Good thing we made it easier to outsource so all those lazy union guys could open up a web based Amway business....yikes.

Sounds just like saying, "Hey look at all these graves we found. Never would have seen them if we hadn't been digging here to find those WMD's"

Posted by Mark Adams on March 26, 2004 at 12:31 PM


Now I'm not very up on the ins & outs of Hillarycare but I recall that, initially, small businesses liked it because of the possibility of removing the healthcare burden from them... so something which would do that seems right up the Democratic ally.

Posted by Max M on March 26, 2004 at 12:43 PM


Mark
You throw some nice platitudes out there. Yeah, you can't eat GDP. Guess what? You also can't eat jobs, and you can't eat money. You eat food, so that was a nice non-statement. The point is, the GDP does represent something: people making money. With money, you buy food.

You may have a point if you question who is making the money.

But why can't we point to Trickle-Down Economics? Simply because you don't want to? Lots of people are willing to credit President Clinton with the good 90s economy without being able to point to anything he actually did to bring it about.

The economy is too complex for anyone to truly understand, okay. Part of that is because "the economy" is actually just people making decisions to buy or sell things, and marketing, and hiring/firing, etc. So "the economy" is nothing more than the gestalt of nearly 300 million different monthly/weekly/daily/hourly decisions.

But broad forces can influence broad movements. We were in a recession when Bush took office. It sunk lower, sure. 9/11 occurred, and it would be the height of idiocy to try and claim that did not have a negative effect on the economy. Then Bush got his tax cuts passed. The economy started to rebound. Direct connection? Maybe not, hard to say. Except that the economy picked up a great deal of speed after he successfully had many of the cuts accelerated.
Part of the problem is that since the economy is based on people making decisions about the future, the Mood of the People does make a difference. It doesn't take a PhD in Human Psyche to know that people feel more optimistic about getting to keep more of their money and more pessimistic when taxes are raised. Just looking at driving habits indexed with gas prices is quite revealing of how Americans react to greater and lesser amounts of cash in the pockets.
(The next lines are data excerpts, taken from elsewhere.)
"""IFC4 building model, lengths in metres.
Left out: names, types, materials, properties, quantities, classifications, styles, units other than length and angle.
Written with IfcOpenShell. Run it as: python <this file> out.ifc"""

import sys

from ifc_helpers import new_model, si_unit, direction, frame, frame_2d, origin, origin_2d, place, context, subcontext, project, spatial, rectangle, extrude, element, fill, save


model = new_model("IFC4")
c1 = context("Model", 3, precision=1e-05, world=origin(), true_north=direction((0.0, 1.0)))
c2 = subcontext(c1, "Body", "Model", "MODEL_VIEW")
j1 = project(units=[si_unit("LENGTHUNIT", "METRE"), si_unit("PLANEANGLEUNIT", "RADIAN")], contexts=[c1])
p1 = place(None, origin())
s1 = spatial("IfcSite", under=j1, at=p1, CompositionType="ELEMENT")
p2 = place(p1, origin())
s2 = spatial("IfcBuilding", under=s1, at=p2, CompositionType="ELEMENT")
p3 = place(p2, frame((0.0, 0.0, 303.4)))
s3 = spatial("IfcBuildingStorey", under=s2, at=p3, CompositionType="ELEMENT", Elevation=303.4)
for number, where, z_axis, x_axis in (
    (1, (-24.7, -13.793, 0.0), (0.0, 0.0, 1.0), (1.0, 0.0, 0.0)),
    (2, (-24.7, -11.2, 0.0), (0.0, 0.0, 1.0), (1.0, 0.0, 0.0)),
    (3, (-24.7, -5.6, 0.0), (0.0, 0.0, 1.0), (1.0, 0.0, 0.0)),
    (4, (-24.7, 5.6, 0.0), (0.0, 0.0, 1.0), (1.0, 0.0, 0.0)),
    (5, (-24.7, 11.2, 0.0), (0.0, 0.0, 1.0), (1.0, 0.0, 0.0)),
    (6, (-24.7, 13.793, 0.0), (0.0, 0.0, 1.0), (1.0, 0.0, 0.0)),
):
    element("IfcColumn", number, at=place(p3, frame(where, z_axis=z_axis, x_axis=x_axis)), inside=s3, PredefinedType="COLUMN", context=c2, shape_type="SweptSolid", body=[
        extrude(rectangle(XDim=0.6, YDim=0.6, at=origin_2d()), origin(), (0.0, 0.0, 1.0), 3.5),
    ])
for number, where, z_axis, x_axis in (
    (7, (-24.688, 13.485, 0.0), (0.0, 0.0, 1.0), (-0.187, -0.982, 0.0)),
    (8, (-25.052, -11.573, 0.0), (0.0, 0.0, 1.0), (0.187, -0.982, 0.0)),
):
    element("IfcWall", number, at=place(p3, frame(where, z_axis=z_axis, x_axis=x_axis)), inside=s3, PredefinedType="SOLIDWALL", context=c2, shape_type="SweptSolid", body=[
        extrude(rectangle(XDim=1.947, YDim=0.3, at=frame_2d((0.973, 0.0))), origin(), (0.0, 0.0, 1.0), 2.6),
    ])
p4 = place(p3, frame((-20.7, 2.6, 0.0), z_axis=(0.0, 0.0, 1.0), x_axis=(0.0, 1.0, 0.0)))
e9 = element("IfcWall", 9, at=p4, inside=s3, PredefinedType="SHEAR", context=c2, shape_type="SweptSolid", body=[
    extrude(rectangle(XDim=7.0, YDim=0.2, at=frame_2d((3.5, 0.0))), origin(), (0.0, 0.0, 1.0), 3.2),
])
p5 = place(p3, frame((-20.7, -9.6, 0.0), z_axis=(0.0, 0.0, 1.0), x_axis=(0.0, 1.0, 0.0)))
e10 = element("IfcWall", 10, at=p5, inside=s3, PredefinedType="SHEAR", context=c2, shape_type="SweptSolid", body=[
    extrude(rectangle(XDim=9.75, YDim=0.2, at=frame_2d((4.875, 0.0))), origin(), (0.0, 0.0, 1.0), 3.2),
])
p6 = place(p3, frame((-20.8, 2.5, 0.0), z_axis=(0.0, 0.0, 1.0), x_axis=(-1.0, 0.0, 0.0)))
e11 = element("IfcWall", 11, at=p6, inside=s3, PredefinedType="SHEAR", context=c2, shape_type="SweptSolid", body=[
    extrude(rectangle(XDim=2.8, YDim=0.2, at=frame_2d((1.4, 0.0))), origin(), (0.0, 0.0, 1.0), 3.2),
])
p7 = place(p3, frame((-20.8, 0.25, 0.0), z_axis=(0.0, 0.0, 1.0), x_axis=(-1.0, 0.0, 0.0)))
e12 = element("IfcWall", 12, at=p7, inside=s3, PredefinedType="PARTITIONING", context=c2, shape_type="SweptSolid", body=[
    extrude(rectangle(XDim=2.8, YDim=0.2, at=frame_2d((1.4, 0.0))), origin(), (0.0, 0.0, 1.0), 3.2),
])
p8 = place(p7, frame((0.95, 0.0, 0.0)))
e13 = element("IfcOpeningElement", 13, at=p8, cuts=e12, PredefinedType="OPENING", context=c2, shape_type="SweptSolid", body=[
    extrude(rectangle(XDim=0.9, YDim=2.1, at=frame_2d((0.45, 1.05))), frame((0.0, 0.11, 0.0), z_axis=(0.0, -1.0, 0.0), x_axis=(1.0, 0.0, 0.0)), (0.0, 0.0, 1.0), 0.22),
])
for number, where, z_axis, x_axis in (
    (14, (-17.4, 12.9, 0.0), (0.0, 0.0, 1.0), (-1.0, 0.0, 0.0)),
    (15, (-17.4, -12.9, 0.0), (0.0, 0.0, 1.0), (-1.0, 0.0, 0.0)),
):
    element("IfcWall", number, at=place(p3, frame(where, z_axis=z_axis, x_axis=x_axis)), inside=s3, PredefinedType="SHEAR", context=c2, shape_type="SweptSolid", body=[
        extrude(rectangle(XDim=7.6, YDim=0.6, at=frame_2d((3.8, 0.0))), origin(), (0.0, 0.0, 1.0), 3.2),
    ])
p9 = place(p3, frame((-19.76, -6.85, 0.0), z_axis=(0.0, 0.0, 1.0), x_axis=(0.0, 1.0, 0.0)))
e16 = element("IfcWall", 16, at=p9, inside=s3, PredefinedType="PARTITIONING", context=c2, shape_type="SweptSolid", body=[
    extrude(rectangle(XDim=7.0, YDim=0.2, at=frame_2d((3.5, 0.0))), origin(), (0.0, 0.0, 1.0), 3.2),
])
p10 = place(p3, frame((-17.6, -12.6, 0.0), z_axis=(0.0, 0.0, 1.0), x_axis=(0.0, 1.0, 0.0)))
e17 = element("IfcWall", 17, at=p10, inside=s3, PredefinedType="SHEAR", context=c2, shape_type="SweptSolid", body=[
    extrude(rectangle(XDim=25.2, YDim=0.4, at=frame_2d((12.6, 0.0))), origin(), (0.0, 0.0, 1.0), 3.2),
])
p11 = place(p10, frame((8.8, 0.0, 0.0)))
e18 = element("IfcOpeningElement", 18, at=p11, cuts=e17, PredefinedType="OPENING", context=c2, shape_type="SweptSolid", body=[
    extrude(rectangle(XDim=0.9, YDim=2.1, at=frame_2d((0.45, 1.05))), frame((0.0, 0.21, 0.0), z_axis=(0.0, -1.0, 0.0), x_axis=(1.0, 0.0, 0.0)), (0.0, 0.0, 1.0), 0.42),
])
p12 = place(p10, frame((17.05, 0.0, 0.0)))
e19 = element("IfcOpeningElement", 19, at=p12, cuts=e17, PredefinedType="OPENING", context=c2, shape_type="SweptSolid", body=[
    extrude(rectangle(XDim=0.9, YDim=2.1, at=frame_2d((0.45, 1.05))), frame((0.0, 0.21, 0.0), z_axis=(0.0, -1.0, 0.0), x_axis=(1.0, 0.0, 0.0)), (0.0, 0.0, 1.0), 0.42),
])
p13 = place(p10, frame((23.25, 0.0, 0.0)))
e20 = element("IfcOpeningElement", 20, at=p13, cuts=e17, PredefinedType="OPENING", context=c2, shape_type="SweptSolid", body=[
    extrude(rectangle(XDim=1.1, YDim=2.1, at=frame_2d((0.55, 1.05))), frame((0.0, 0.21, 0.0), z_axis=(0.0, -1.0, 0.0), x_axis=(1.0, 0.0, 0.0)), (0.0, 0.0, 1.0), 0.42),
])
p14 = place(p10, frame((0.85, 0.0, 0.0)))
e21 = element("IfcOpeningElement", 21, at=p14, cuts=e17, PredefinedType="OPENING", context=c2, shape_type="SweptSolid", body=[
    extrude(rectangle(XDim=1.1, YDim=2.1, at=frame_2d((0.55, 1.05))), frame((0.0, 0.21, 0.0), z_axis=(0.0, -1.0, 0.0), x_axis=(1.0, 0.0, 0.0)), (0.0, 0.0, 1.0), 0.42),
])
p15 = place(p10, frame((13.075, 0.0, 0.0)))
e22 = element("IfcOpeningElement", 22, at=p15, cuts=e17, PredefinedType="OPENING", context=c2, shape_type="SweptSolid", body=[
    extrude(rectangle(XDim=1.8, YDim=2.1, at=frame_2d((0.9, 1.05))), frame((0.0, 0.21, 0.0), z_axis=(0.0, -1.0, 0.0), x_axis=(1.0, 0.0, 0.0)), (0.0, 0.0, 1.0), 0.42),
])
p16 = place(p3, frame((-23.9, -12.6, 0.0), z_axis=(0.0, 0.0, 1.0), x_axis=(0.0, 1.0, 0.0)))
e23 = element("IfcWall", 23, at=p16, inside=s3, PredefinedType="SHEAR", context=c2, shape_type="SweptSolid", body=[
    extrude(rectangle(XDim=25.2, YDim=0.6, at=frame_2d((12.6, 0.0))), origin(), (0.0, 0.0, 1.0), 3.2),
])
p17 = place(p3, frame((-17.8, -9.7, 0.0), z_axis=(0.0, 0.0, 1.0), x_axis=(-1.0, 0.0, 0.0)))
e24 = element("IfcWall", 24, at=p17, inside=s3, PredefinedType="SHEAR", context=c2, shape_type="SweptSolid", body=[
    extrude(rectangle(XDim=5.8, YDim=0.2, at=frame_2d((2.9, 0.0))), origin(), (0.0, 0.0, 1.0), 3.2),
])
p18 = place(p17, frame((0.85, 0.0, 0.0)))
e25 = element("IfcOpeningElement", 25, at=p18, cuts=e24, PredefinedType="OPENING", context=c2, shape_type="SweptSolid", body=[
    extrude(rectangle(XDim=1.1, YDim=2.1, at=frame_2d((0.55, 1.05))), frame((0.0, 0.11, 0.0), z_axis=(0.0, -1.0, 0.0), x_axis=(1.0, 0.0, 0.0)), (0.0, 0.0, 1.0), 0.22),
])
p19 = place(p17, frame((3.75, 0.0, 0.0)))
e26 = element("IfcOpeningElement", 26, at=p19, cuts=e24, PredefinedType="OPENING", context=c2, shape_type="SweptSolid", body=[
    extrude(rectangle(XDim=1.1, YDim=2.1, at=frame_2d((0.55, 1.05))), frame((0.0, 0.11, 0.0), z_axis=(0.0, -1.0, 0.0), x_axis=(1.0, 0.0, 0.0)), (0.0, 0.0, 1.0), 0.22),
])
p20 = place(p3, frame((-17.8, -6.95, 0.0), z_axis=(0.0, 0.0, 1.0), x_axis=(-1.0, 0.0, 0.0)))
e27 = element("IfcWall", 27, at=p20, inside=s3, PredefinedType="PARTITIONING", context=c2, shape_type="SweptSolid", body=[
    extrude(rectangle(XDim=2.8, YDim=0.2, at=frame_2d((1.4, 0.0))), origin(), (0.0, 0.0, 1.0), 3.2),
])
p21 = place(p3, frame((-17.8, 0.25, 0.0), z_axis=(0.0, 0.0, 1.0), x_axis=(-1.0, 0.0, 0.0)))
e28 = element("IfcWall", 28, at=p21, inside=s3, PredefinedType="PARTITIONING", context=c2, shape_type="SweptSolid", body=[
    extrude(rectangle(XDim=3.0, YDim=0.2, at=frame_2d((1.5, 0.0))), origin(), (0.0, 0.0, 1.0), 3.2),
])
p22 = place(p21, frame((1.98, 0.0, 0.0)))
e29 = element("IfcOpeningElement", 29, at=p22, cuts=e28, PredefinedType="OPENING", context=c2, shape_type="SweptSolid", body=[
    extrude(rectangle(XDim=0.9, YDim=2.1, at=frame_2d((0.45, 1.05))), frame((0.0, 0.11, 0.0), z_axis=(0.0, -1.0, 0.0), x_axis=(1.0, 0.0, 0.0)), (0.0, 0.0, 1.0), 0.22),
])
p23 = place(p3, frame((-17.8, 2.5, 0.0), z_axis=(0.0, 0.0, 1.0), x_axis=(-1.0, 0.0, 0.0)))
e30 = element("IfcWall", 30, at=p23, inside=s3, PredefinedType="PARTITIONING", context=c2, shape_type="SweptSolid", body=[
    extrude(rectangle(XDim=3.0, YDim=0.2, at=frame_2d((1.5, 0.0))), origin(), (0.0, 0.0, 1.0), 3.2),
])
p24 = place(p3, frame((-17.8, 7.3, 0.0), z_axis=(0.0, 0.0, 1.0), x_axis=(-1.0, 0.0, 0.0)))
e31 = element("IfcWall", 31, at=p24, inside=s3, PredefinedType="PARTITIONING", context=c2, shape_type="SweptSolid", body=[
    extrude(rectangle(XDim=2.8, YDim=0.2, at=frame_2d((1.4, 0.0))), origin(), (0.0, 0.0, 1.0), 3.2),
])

So even with no provable direct connection, the indirect connections between Bush's policies and the economic improvement are pretty compelling. Sure, there's room for debate, but absolutely no basis for your automatic dismissal.

I am curious, though. Can you possibly believe that raising taxes to pay for more entitlements would have helped the economy?

And if people are working and making money (how wonderfully condescending of you to dismiss it as merely AMWAY), what, exactly do you attribute it to?

You sound like one of those people who may hate it when bad things happen to our country, but hate it even worse when good things happen that you can't give credit to the Democrats.

Posted by nathan on March 26, 2004 at 1:06 PM


What is funny about that, is the fact that I just started an LLC the other day ...

Posted by Bill on March 26, 2004 at 1:24 PM


The simple fact of the matter is that large corporations are not hiring as many people, but at the same time, welfare rolls and homelesness are not up significantly, people are not starving, foreclosures are not at record levels--so what's happening? Well, it's starting to become apparent: the jobs reports we get aren't measuring the work people are doing anymore.

What I have to wonder is, why would you not find that good and encouraging news? Are you just upset to hear that fewer people are working for big corporations and more people are working for themselves and small businesses? This is a bad thing?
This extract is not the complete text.